I have a custom skin from Tego that I have only had for a month, I love it and it took FOREVER to get here, so I didn't think I would be changing anytime soon.  However, I have another Decalgirl (Velvet Jewel for K1) that I ordered as soon as it was available and it is begging to be used so I think I might be like Luv and switch whenever the mood strikes me.


----------



## CoolMom1960 (Mar 16, 2009)

geoffthomas said:


> Yeah. What is up with the matching screen savers? Are they only available for K1s?
> And if you want the velvet jewel, I would ask again. They seem more than willing to provide new designs - especially ones that they already have in-house for another device.
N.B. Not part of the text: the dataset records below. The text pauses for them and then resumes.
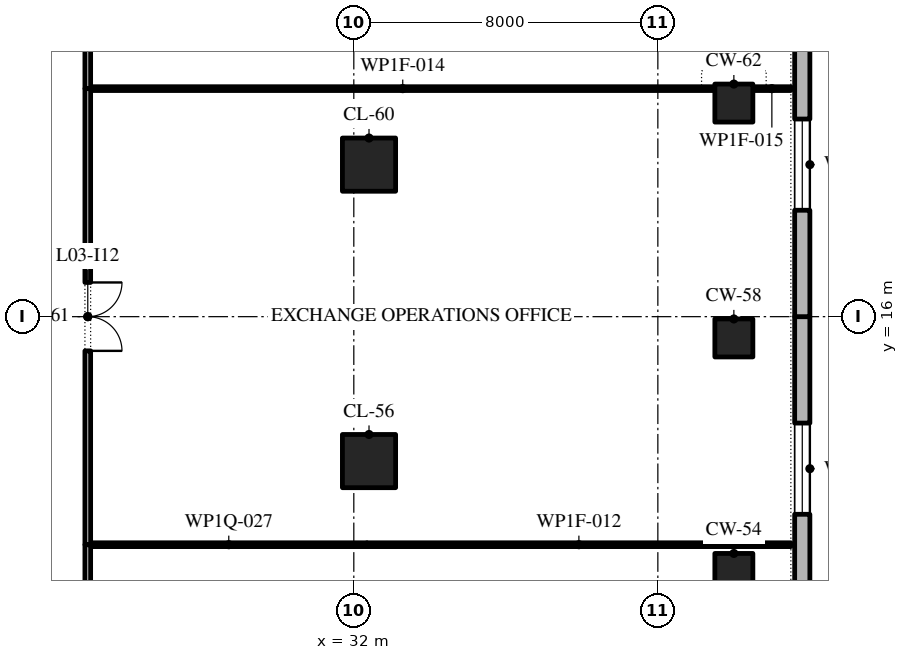
"""IFC4 building model, lengths in metres.
Left out: names, types, materials, properties, quantities, classifications, styles, units other than length and angle.
Written with IfcOpenShell. Run it as: python <this file> out.ifc"""

import sys

from ifc_helpers import new_model, si_unit, direction, frame, frame_2d, origin, origin_2d, place, context, subcontext, project, spatial, polyline, rectangle, outline, extrude, element, fill, save


model = new_model("IFC4")
c1 = context("Model", 3, precision=1e-05, world=origin(), true_north=direction((0.0, 1.0)))
c2 = subcontext(c1, "Body", "Model", "MODEL_VIEW")
j1 = project(units=[si_unit("LENGTHUNIT", "METRE"), si_unit("PLANEANGLEUNIT", "RADIAN")], contexts=[c1])
p1 = place(None, origin())
s1 = spatial("IfcSite", under=j1, at=p1, CompositionType="ELEMENT")
p2 = place(p1, origin())
s2 = spatial("IfcBuilding", under=s1, at=p2, CompositionType="ELEMENT")
p3 = place(p2, frame((0.0, 0.0, 19.2)))
s3 = spatial("IfcBuildingStorey", under=s2, at=p3, CompositionType="ELEMENT", Elevation=19.2)
p4 = place(p3, frame((42.0, 9.27, 0.0), z_axis=(0.0, 0.0, 1.0), x_axis=(1.0, 0.0, 0.0)))
e1 = element("IfcColumn", 1, at=p4, inside=s3, PredefinedType="COLUMN", context=c2, shape_type="SweptSolid", body=[
    extrude(rectangle(XDim=1.0, YDim=1.0, at=origin_2d()), origin(), (0.0, 0.0, 1.0), 4.8),
])
p5 = place(p3, frame((32.4, 12.2, 0.0), z_axis=(0.0, 0.0, 1.0), x_axis=(1.0, 0.0, 0.0)))
e2 = element("IfcColumn", 2, at=p5, inside=s3, PredefinedType="COLUMN", context=c2, shape_type="SweptSolid", body=[
    extrude(rectangle(XDim=1.4, YDim=1.4, at=origin_2d()), origin(), (0.0, 0.0, 1.0), 4.8),
])
p6 = place(p3, frame((42.0, 15.44, 0.0), z_axis=(0.0, 0.0, 1.0), x_axis=(1.0, 0.0, 0.0)))
e3 = element("IfcColumn", 3, at=p6, inside=s3, PredefinedType="COLUMN", context=c2, shape_type="SweptSolid", body=[
    extrude(rectangle(XDim=1.0, YDim=1.0, at=origin_2d()), origin(), (0.0, 0.0, 1.0), 4.8),
])
p7 = place(p3, frame((32.4, 20.0, 0.0), z_axis=(0.0, 0.0, 1.0), x_axis=(1.0, 0.0, 0.0)))
e4 = element("IfcColumn", 4, at=p7, inside=s3, PredefinedType="COLUMN", context=c2, shape_type="SweptSolid", body=[
    extrude(rectangle(XDim=1.4, YDim=1.4, at=origin_2d()), origin(), (0.0, 0.0, 1.0), 4.8),
])
p8 = place(p3, frame((42.0, 21.62, 0.0), z_axis=(0.0, 0.0, 1.0), x_axis=(1.0, 0.0, 0.0)))
e5 = element("IfcColumn", 5, at=p8, inside=s3, PredefinedType="COLUMN", context=c2, shape_type="SweptSolid", body=[
    extrude(rectangle(XDim=1.0, YDim=1.0, at=origin_2d()), origin(), (0.0, 0.0, 1.0), 4.8),
])
p9 = place(p3, frame((43.8, 8.0, 0.0), z_axis=(0.0, 0.0, 1.0), x_axis=(0.0, 1.0, 0.0)))
e6 = element("IfcWall", 6, at=p9, inside=s3, PredefinedType="STANDARD", context=c2, shape_type="SweptSolid", body=[
    extrude(rectangle(XDim=8.0, YDim=0.4, at=frame_2d((4.0, 0.0))), origin(), (0.0, 0.0, 1.0), 4.5),
])
p10 = place(p9, frame((2.8, 0.0, 0.9)))
e7 = element("IfcOpeningElement", 7, at=p10, cuts=e6, PredefinedType="OPENING", context=c2, shape_type="SweptSolid", body=[
    extrude(outline(polyline([(0.0, 0.0), (2.4, 0.0), (2.4, 1.5), (2.378, 1.758), (2.313, 2.009), (2.207, 2.245), (2.063, 2.46), (1.885, 2.648), (1.677, 2.804), (1.447, 2.922), (1.2, 3.0), (0.953, 2.922), (0.722, 2.804), (0.515, 2.648), (0.337, 2.46), (0.193, 2.245), (0.087, 2.009), (0.022, 1.758), (0.0, 1.5), (0.0, 0.0)])), frame((0.0, 0.21, 0.0), z_axis=(0.0, -1.0, 0.0), x_axis=(1.0, 0.0, 0.0)), (0.0, 0.0, 1.0), 0.42),
])
p11 = place(p3, frame((43.8, 16.0, 0.0), z_axis=(0.0, 0.0, 1.0), x_axis=(0.0, 1.0, 0.0)))
e8 = element("IfcWall", 8, at=p11, inside=s3, PredefinedType="STANDARD", context=c2, shape_type="SweptSolid", body=[
    extrude(rectangle(XDim=8.0, YDim=0.4, at=frame_2d((4.0, 0.0))), origin(), (0.0, 0.0, 1.0), 4.5),
])
p12 = place(p11, frame((2.8, 0.0, 0.9)))
e9 = element("IfcOpeningElement", 9, at=p12, cuts=e8, PredefinedType="OPENING", context=c2, shape_type="SweptSolid", body=[
    extrude(outline(polyline([(0.0, 0.0), (2.4, 0.0), (2.4, 1.5), (2.378, 1.758), (2.313, 2.009), (2.207, 2.245), (2.063, 2.46), (1.885, 2.648), (1.677, 2.804), (1.447, 2.922), (1.2, 3.0), (0.953, 2.922), (0.722, 2.804), (0.515, 2.648), (0.337, 2.46), (0.193, 2.245), (0.087, 2.009), (0.022, 1.758), (0.0, 1.5), (0.0, 0.0)])), frame((0.0, 0.21, 0.0), z_axis=(0.0, -1.0, 0.0), x_axis=(1.0, 0.0, 0.0)), (0.0, 0.0, 1.0), 0.42),
])
p13 = place(p3, frame((25.075, 10.0, 0.0), z_axis=(0.0, 0.0, 1.0), x_axis=(1.0, 0.0, 0.0)))
e10 = element("IfcWall", 10, at=p13, inside=s3, PredefinedType="PARTITIONING", context=c2, shape_type="SweptSolid", body=[
    extrude(rectangle(XDim=7.27, YDim=0.1, at=frame_2d((3.635, 0.0))), origin(), (0.0, 0.0, 1.0), 3.964),
])
p14 = place(p3, frame((25.075, 22.0, 0.0), z_axis=(0.0, 0.0, 1.0), x_axis=(1.0, 0.0, 0.0)))
e11 = element("IfcWall", 11, at=p14, inside=s3, PredefinedType="PARTITIONING", context=c2, shape_type="SweptSolid", body=[
    extrude(rectangle(XDim=16.425, YDim=0.1, at=frame_2d((8.212, 0.0))), origin(), (0.0, 0.0, 1.0), 4.5),
])
p15 = place(p3, frame((42.5, 22.0, 0.0), z_axis=(0.0, 0.0, 1.0), x_axis=(1.0, 0.0, 0.0)))
e12 = element("IfcWall", 12, at=p15, inside=s3, PredefinedType="PARTITIONING", context=c2, shape_type="SweptSolid", body=[
    extrude(rectangle(XDim=1.0, YDim=0.1, at=frame_2d((0.5, 0.0))), origin(), (0.0, 0.0, 1.0), 4.5),
])
p16 = place(p3, frame((25.0, -4.0, 0.0), z_axis=(0.0, 0.0, 1.0), x_axis=(0.0, 1.0, 0.0)))
e13 = element("IfcWall", 13, at=p16, inside=s3, PredefinedType="PARTITIONING", context=c2, shape_type="SweptSolid", body=[
    extrude(rectangle(XDim=14.0, YDim=0.15, at=frame_2d((7.0, 0.0))), origin(), (0.0, 0.0, 1.0), 4.5),
])
p17 = place(p16, frame((6.1, 0.0, 0.0)))
e14 = element("IfcOpeningElement", 14, at=p17, cuts=e13, PredefinedType="OPENING", context=c2, shape_type="SweptSolid", body=[
    extrude(rectangle(XDim=1.8, YDim=2.1, at=frame_2d((0.9, 1.05))), frame((0.0, 0.085, 0.0), z_axis=(0.0, -1.0, 0.0), x_axis=(1.0, 0.0, 0.0)), (0.0, 0.0, 1.0), 0.17),
])
p18 = place(p3, frame((25.0, 10.0, 0.0), z_axis=(0.0, 0.0, 1.0), x_axis=(0.0, 1.0, 0.0)))
e15 = element("IfcWall", 15, at=p18, inside=s3, PredefinedType="PARTITIONING", context=c2, shape_type="SweptSolid", body=[
    extrude(rectangle(XDim=12.0, YDim=0.15, at=frame_2d((6.0, 0.0))), origin(), (0.0, 0.0, 1.0), 4.5),
])
p19 = place(p18, frame((5.1, 0.0, 0.0)))
e16 = element("IfcOpeningElement", 16, at=p19, cuts=e15, PredefinedType="OPENING", context=c2, shape_type="SweptSolid", body=[
    extrude(rectangle(XDim=1.8, YDim=2.1, at=frame_2d((0.9, 1.05))), frame((0.0, 0.085, 0.0), z_axis=(0.0, -1.0, 0.0), x_axis=(1.0, 0.0, 0.0)), (0.0, 0.0, 1.0), 0.17),
])
p20 = place(p3, frame((25.0, 22.0, 0.0), z_axis=(0.0, 0.0, 1.0), x_axis=(0.0, 1.0, 0.0)))
e17 = element("IfcWall", 17, at=p20, inside=s3, PredefinedType="PARTITIONING", context=c2, shape_type="SweptSolid", body=[
    extrude(rectangle(XDim=4.0, YDim=0.15, at=frame_2d((2.0, 0.0))), origin(), (0.0, 0.0, 1.0), 4.5),
])
p21 = place(p20, frame((1.5, 0.0, 0.0)))
e18 = element("IfcOpeningElement", 18, at=p21, cuts=e17, PredefinedType="OPENING", context=c2, shape_type="SweptSolid", body=[
    extrude(rectangle(XDim=1.0, YDim=2.1, at=frame_2d((0.5, 1.05))), frame((0.0, 0.085, 0.0), z_axis=(0.0, -1.0, 0.0), x_axis=(1.0, 0.0, 0.0)), (0.0, 0.0, 1.0), 0.17),
])
p22 = place(p3, frame((32.345, 10.0, 0.0), z_axis=(0.0, 0.0, 1.0), x_axis=(1.0, 0.0, 0.0)))
e19 = element("IfcWall", 19, at=p22, inside=s3, PredefinedType="PARTITIONING", context=c2, shape_type="SweptSolid", body=[
    extrude(rectangle(XDim=11.155, YDim=0.1, at=frame_2d((5.578, 0.0))), origin(), (0.0, 0.0, 1.0), 4.5),
])
p23 = place(p10, origin())
e20 = element("IfcWindow", 20, at=p23, inside=s3, PartitioningType="DOUBLE_PANEL_VERTICAL", PredefinedType="WINDOW", context=c2, shape_type="SweptSolid", body=[
    extrude(outline(polyline([(0.0, 0.0), (2.4, 0.0), (2.4, 1.5), (2.378, 1.758), (2.313, 2.009), (2.207, 2.245), (2.063, 2.46), (1.885, 2.648), (1.677, 2.804), (1.447, 2.922), (1.2, 3.0), (0.953, 2.922), (0.722, 2.804), (0.515, 2.648), (0.337, 2.46), (0.193, 2.245), (0.087, 2.009), (0.022, 1.758), (0.0, 1.5), (0.0, 0.0)])), frame((0.0, 0.03, 0.0), z_axis=(0.0, -1.0, 0.0), x_axis=(1.0, 0.0, 0.0)), (0.0, 0.0, 1.0), 0.06),
])
fill(e7, e20)
p24 = place(p12, origin())
e21 = element("IfcWindow", 21, at=p24, inside=s3, PartitioningType="DOUBLE_PANEL_VERTICAL", PredefinedType="WINDOW", context=c2, shape_type="SweptSolid", body=[
    extrude(outline(polyline([(0.0, 0.0), (2.4, 0.0), (2.4, 1.5), (2.378, 1.758), (2.313, 2.009), (2.207, 2.245), (2.063, 2.46), (1.885, 2.648), (1.677, 2.804), (1.447, 2.922), (1.2, 3.0), (0.953, 2.922), (0.722, 2.804), (0.515, 2.648), (0.337, 2.46), (0.193, 2.245), (0.087, 2.009), (0.022, 1.758), (0.0, 1.5), (0.0, 0.0)])), frame((0.0, 0.03, 0.0), z_axis=(0.0, -1.0, 0.0), x_axis=(1.0, 0.0, 0.0)), (0.0, 0.0, 1.0), 0.06),
])
fill(e9, e21)
p25 = place(p19, frame((1.8, 0.0, 0.0), z_axis=(0.0, 0.0, 1.0), x_axis=(-1.0, 0.0, 0.0)))
e22 = element("IfcDoor", 22, at=p25, inside=s3, OperationType="SINGLE_SWING_LEFT", PredefinedType="DOOR", context=c2, shape_type="SweptSolid", body=[
    extrude(rectangle(XDim=1.8, YDim=2.1, at=frame_2d((0.9, 1.05))), frame((0.0, 0.025, 0.0), z_axis=(0.0, -1.0, 0.0), x_axis=(1.0, 0.0, 0.0)), (0.0, 0.0, 1.0), 0.05),
])
fill(e16, e22)
save(model, sys.argv[1])

I ordered mine from decalgal and when it arrived there was a code and a website to download the matching screen saver.


----------



## akpak (Mar 5, 2009)

It's possible that the K2 screensaver hack is new enough that DecalGirl either doesn't know about it, or hasn't had time to make K2 screens.


----------



## geoffthomas (Feb 27, 2009)

But I thought the screen was the same with the exception of the 16 vs 4 shades of grey?


----------



## luvmy4brats (Nov 9, 2008)

But decalgirl redesigned many of the skins for the K2 before the screensaver hack was found. I believe they haven't decided if they're going to make screensavers for the K2 yet.


----------



## VictoriaP (Mar 1, 2009)

geoffthomas said:


> But I thought the screen was the same with the exception of the 16 vs 4 shades of grey?


It is--but if you look closely at the actual skins, you'll see layout differences in many of them as they were migrated from the K1 to the K2. Quest is a good example; on the K1, there's a ton of detail work in the lower right corner that spills up into the screen (hence the coordinating screen saver). On the K2, the detail is more centered over the keyboard area, with little to no spillover onto the screen.

So to do a screensaver for each of these MAY require a whole new image.

The K2 has only been available for a few weeks. The screensaver hack is fairly new, more complicated to install than the K1 version, and it's relatively untested as far as conflicts with Amazon's updates. I wouldn't invest the time in development of screensavers given those issues if I were running DecalGirl--they'll make way more money putting that time into getting more skins migrated to the K2 and other products.

In a few months? I suspect we'll see them come out with screensavers for the K2 down the road once the hack becomes more common, assuming Amazon doesn't break it with a future firmware upgrade.


----------